Lust or Love?
“How can I make someone fall in love with me that is already taken? How can I make her see I can be the one?” He began. I looked at those words and felt his torment. Notice the control of trying to “make” an emotion exist within another person. You only control your own feelings and you can never create an emotion within someone else.
The rest of his story unfolds.
“It is not wrong for one and only one reason….you can’t help your feelings! How can I tell her that my feelings for her have grown and now I want her to be mine? I don’t know if this would end the relationship we have right now as close friends. Her man is kind of my friend as well. I can’t help getting jealous every time he caresses her in front of me! It’s torturing me!”
The tortured soul fell into coveting someone he did not want to begin with. Not love. Love takes courage. His feelings, whether based on a physical relationship or not, has gone into this quiet obsession with a woman he knows is with someone else. I would ask this man, why he doesn’t simply tell her before she marries. However, he answers his own question. He would rather have any part of her life, as a friend, than to be excluded from her life.
“I really like being with her, spending time with her, but I don’t know if I should tell her how much I’m in love, or just keep being her special friend. She wasn’t even my taste and I knew she was already taken, but the more I got to know her, the more I wanted her. Now there’s only her in my mind. She’s going to get married soon but I know she likes me. We have done more than kissed. Would it be a blessing if I just jumped into the river and drowned? ”

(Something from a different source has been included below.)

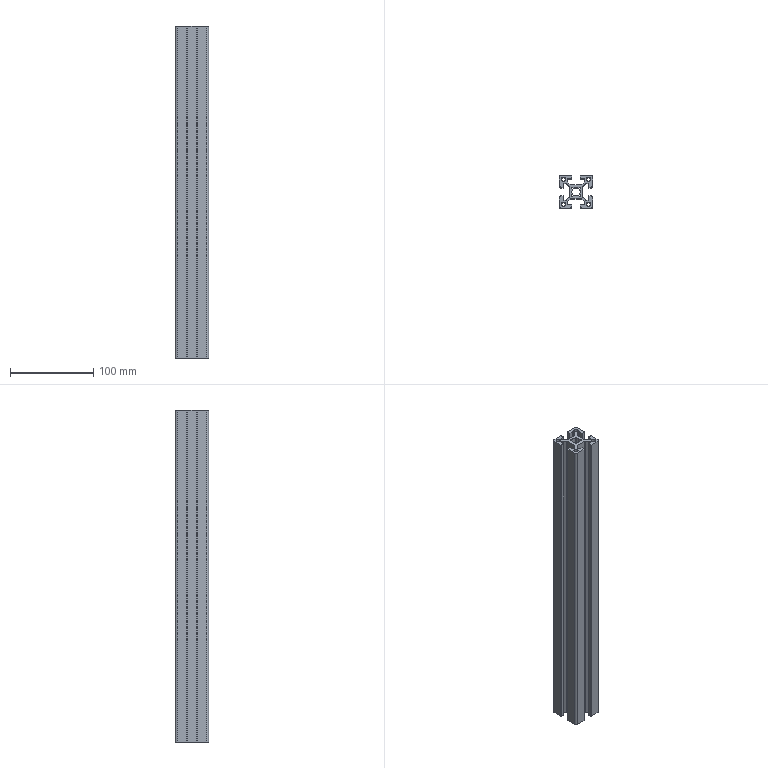Component | SolidWorks | 4040-400-1 | 1 solid | 125 faces | volume 280587 mm3 | plane 74 | cylinder 51 | commonest cylinder face diameters 2 x24 1.5 x10 5 x8 10.2 x5 4 x4
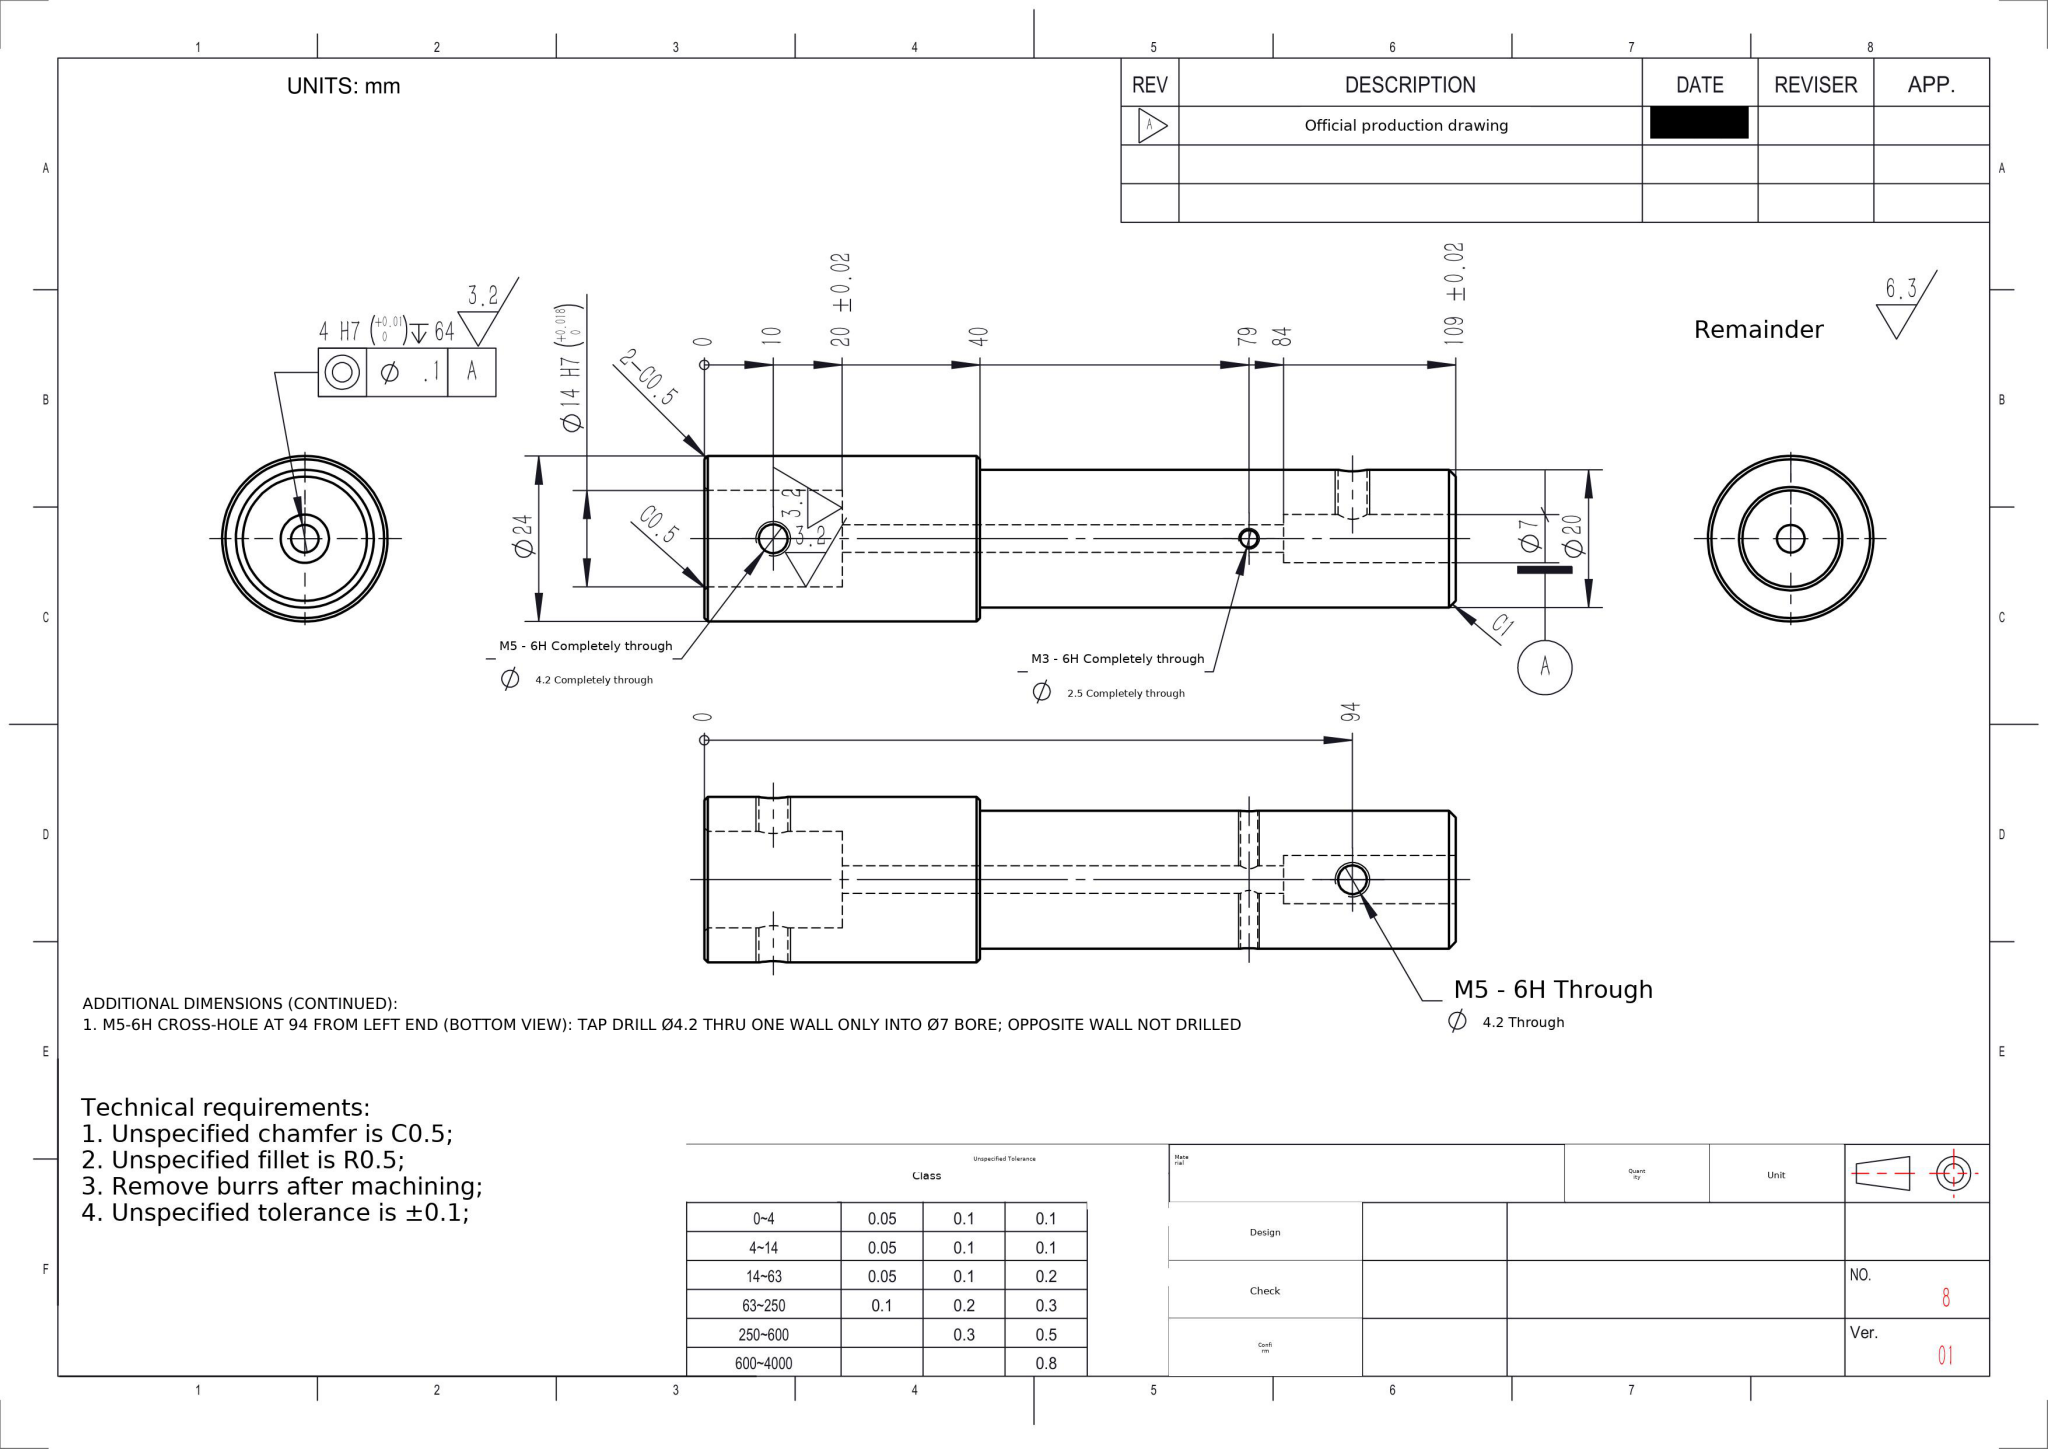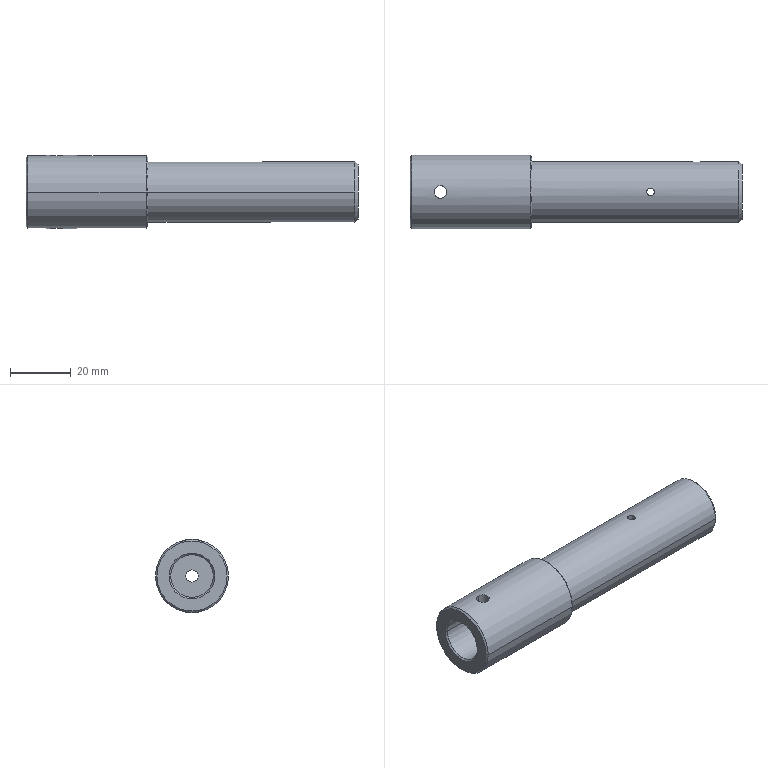Part | NX | mm | 1 solid | 33 faces | box 109 x 24 x 24 mm | volume 34562 mm3 | cylinder 20 | cone 8 | plane 5 | commonest cylinder face diameters 4.2 x6 2.5 x4 4 x2 7 x2 14 x2 20 x2 24 x2

She may have affection for this man, but he is willing to interpret any affection as love. So rightfully he questions his sensibility and the risk of hurting all of the parties involved. Love is unselfish. The high drama of putting his emotions and feelings above hers is punctuated with his statement of desiring possession, “I want her to be mine.”
Often when affairs happen, they flame up with passion and quickly burn out. In most cases, the appetite is fed and since there was no foundation, the parties leave each other. His lust and desire, is not looking at her well-being. He is only seeking to have her. What on the surface appears to be very romantic, is far from what love is. Now that is something to really think about.